5. April 2016

Kurioses kurz kommentiert: Der Feminismus der blauen Rasierapparate

Dass der Staat respektive dessen Diener eine unerschöpfliche Phantasie besitzen, wenn es um die Schaffung neuer Abgabentatbestände geht, ist ein Kernelement des liberalen Lamentos, und natürlich ist diese Klage nur allzu berechtigt. So hat es zu verschiedenen Zeiten in Ländern deutscher Zunge einmal eine Jungfern- und dann eine Prostitutionssteuer gegeben, was reichlich inkohärent erscheint und den Leviathan durchaus als Gargantua der klingenden Münze erscheinen lässt.



Kein menschliches Bedürfnis ist vor der aufgehaltenen öffentlichen Hand sicher: „Pecunia non olet“ – „Geld stinkt nicht“ – antwortete der römische Kaiser Vespasian bekanntlich seinem Sohn Titus, als dieser ihm die Anrüchigkeit des von seinem Vater eingeführten Toiletten-Zwangsobolus vorwarf. Solcher Staatssäckelzynismus reizte die Franzosen, bei denen laut André Siegfried „eine geheime Missbilligung […] denjenigen umgibt, der die Steuer bezahlt“ („Une secrète réprobation entoure en France celui qui paie l’impôt“), zu der urinsauren Rache, das Pissoir nach dem Imperator des stillen Örtchens als vespasienne zu benennen, auf dass sein Name, solange das galloromanische Führungsidiom lebendig ist, gleichsam in die Kanalisation gespült werde.


Von einer „Pink Tax“ war im Zusammenhang mit den dem Fiskus zu zollenden Tributen jedoch noch nie die Rede, was freilich allein daran liegt, dass bislang noch kein Schatzkanzler auf die Idee gekommen ist, eine solche Steuer zu erheben. Vielmehr belegt der Zeitgeist Preisunterschiede zwischen dem nach den Anpreisungen der Reklame jeweils für Frauen und für Männer bestimmten, äquivalenten Produkt, wie er zum Beispiel im Falle von Kosmetika häufig vorzukommen scheint, mit diesem Ausdruck. Zum Sinnbild für diese vermeintliche Ungerechtigkeit sind offenbar die unterschiedlich gefärbten, ansonsten aber (fast) identischen Rasierapparate geworden.



Der Autor dieser Zeilen kann die Lektüre der verlinkten Beiträge, insbesondere auch des auf Spiegel-Online veröffentlichten Artikels, nur dringend empfehlen, zumal der Internet-Ableger des Hamburger Nachrichtenmagazins durchaus ausgewogen einräumt, dass bei rosa Rasierapparaten auch die geringere Produktionsstückzahl für den höheren Preis verantwortlich sein könnte, und dass – was auch ein Ministeriumssprecher in nicht zu kritisierender reiner Vernunft zu bedenken gibt – Frauen nicht daran gehindert sind, die als männlich beworbene, günstigere, schwarze oder blaue Version des Haarentferners in ihr Eigentum zu überführen.

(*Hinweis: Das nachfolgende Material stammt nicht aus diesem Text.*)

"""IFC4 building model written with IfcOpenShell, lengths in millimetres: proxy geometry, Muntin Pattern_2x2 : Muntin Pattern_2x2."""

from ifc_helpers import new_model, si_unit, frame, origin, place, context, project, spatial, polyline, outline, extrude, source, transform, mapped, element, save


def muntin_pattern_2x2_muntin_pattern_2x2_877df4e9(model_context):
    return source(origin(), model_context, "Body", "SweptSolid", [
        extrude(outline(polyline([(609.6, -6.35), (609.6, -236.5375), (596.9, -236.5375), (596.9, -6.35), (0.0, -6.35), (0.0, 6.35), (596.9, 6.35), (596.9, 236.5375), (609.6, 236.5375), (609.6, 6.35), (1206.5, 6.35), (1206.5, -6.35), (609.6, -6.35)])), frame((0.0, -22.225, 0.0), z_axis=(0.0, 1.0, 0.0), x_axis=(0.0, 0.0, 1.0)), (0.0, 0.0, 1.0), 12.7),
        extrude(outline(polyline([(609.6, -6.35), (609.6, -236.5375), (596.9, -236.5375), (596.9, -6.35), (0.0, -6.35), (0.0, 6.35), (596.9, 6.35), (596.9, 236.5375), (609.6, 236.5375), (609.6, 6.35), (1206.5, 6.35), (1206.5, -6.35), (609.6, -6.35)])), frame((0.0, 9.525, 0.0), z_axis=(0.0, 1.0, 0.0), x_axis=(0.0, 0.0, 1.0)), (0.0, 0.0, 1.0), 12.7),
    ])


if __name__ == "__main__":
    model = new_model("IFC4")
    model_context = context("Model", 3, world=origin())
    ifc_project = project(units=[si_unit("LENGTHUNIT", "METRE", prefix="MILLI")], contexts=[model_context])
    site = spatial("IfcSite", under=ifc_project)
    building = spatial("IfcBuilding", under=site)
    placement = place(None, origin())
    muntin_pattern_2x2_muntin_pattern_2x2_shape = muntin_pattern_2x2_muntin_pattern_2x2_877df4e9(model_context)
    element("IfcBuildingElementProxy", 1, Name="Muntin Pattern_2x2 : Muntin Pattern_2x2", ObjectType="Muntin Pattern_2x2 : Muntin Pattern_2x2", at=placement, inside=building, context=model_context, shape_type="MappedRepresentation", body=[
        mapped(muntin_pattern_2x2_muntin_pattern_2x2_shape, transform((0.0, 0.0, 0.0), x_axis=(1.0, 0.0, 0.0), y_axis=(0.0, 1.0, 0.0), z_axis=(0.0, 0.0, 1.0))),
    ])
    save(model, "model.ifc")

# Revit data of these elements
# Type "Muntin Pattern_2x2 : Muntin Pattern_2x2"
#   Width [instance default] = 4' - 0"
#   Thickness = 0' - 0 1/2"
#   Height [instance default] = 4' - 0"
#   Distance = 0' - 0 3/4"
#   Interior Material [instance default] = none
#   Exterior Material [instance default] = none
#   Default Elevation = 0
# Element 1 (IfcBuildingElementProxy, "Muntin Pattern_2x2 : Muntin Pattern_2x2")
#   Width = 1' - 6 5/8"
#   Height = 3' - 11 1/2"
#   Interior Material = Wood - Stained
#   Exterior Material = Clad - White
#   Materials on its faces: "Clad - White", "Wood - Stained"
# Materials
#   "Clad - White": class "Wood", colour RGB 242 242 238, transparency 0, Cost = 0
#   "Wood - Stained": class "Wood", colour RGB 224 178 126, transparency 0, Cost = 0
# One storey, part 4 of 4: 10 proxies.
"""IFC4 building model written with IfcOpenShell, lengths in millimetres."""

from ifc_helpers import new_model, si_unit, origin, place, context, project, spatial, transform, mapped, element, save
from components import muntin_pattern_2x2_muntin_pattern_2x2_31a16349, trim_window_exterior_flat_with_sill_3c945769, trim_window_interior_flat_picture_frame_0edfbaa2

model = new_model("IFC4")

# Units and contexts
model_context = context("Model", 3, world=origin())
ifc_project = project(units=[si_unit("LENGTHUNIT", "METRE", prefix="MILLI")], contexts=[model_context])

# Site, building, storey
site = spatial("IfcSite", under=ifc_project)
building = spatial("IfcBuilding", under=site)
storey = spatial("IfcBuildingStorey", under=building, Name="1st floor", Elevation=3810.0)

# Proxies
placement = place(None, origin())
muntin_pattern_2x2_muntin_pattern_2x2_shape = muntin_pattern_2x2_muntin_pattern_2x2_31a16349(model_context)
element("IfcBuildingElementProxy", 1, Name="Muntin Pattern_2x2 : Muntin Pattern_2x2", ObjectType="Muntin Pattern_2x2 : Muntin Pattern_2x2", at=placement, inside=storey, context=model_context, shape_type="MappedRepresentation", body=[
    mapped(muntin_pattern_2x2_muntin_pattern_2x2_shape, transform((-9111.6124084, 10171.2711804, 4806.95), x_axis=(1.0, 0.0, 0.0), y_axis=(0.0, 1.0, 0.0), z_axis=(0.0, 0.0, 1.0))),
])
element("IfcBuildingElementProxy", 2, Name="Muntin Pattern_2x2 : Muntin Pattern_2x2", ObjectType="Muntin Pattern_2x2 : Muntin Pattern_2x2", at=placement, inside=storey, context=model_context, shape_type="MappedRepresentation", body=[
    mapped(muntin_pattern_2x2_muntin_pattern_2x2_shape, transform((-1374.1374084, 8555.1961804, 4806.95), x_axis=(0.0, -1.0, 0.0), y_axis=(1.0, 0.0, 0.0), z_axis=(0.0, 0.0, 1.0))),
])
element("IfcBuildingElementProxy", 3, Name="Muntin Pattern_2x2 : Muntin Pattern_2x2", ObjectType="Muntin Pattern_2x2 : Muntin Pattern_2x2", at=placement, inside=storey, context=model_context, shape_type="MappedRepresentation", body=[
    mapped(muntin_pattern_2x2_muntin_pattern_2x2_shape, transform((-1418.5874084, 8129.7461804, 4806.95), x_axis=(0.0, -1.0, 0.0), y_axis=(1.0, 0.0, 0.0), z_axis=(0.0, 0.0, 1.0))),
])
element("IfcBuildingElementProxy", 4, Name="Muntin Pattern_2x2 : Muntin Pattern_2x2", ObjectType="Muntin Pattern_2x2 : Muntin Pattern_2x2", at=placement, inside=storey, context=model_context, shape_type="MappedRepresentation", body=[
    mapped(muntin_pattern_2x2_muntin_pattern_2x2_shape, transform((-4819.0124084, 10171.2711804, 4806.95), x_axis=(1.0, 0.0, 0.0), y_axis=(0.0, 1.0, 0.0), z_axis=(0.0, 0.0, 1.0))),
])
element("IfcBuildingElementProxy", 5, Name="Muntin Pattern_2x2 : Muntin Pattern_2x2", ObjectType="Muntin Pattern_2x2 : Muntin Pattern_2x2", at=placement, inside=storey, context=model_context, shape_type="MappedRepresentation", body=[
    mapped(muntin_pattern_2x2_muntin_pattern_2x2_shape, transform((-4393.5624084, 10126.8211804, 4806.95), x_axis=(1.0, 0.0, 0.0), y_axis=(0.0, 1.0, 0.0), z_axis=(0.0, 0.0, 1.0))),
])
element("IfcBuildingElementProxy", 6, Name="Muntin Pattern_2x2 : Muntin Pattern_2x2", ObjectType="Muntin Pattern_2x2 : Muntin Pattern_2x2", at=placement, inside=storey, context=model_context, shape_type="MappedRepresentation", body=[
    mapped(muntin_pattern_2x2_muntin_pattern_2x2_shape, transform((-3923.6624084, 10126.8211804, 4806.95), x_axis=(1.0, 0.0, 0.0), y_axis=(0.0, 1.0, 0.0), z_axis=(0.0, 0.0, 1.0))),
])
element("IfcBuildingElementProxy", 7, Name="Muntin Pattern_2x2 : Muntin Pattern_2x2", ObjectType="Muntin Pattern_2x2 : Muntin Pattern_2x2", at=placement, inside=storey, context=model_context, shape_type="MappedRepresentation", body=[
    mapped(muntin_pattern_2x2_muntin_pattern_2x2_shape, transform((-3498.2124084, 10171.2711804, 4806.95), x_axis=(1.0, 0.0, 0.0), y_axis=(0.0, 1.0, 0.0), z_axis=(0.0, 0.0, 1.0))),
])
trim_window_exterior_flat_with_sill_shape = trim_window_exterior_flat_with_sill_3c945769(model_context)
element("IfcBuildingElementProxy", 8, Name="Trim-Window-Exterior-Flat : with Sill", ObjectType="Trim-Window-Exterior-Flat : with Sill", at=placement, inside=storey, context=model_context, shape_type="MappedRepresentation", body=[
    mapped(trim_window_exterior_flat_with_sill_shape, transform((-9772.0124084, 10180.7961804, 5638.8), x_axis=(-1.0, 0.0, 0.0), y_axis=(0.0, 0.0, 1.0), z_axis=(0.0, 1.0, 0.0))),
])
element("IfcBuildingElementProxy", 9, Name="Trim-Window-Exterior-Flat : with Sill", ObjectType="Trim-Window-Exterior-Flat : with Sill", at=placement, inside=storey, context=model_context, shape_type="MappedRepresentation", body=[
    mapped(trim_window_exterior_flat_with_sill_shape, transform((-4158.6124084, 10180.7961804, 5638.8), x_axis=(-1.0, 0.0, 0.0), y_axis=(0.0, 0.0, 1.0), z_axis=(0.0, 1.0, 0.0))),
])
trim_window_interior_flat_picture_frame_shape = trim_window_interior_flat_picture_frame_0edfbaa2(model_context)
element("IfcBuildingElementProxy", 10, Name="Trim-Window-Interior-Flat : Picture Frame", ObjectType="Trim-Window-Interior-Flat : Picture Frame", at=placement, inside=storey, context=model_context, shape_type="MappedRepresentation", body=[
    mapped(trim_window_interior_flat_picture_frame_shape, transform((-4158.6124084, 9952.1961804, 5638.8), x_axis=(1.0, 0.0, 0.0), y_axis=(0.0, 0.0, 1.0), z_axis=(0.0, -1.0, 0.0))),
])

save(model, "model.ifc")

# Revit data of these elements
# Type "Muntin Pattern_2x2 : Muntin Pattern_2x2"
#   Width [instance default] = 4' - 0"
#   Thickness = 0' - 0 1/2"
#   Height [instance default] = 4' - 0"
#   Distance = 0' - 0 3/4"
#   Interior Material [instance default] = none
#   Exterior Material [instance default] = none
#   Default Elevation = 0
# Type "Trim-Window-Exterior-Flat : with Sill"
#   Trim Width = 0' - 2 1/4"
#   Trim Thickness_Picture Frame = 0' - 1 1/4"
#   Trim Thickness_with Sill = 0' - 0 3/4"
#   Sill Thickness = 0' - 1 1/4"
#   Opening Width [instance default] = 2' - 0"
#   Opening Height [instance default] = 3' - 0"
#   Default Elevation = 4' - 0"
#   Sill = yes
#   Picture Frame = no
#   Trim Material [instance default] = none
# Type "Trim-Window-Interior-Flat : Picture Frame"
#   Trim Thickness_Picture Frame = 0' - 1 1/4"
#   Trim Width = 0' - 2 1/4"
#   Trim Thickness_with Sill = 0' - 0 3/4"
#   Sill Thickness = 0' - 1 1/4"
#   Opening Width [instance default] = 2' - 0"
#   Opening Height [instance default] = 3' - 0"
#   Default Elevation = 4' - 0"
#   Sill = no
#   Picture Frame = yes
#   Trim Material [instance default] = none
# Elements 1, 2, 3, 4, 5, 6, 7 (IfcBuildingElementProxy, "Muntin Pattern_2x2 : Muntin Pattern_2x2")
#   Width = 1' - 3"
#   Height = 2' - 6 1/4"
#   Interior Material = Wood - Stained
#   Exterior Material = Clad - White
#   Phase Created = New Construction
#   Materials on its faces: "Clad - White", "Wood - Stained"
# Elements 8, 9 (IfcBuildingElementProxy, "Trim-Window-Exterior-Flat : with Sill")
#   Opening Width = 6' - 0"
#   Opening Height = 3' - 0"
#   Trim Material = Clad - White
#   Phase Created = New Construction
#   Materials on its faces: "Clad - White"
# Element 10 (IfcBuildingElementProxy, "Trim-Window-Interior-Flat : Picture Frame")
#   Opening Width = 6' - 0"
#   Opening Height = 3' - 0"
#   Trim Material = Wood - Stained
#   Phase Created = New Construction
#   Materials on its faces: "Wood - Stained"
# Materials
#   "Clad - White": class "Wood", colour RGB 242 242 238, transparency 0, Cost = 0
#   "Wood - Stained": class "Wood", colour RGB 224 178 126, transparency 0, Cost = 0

Eine solche Kaufentscheidung wäre nach Ansicht des Autors dieser Zeilen nicht nur kapitalistisch, sondern auch feministisch korrekt: Wie emanzipatorisch ist es, den Frauen die – im diachronen Vergleich äußerst schwankende – Farbklischee-Erfüllung zuschlagsfrei zu ermöglichen, anstatt ihnen die bewusste Marktteilnehmerinnenentscheidung zwischen einem vielleicht ästhetisch und sicher preislich höherwertigen pinken Rasierapparat einerseits sowie einem wohlfeileren Schermesser in den Bürofarben Blau oder Schwarz zuzumuten?

Aufklärung ist bekanntlich der Ausgang des Menschen aus seiner selbst verschuldeten Unmündigkeit (Immanuel Kant). Was ist dann der etatistische Feminismus?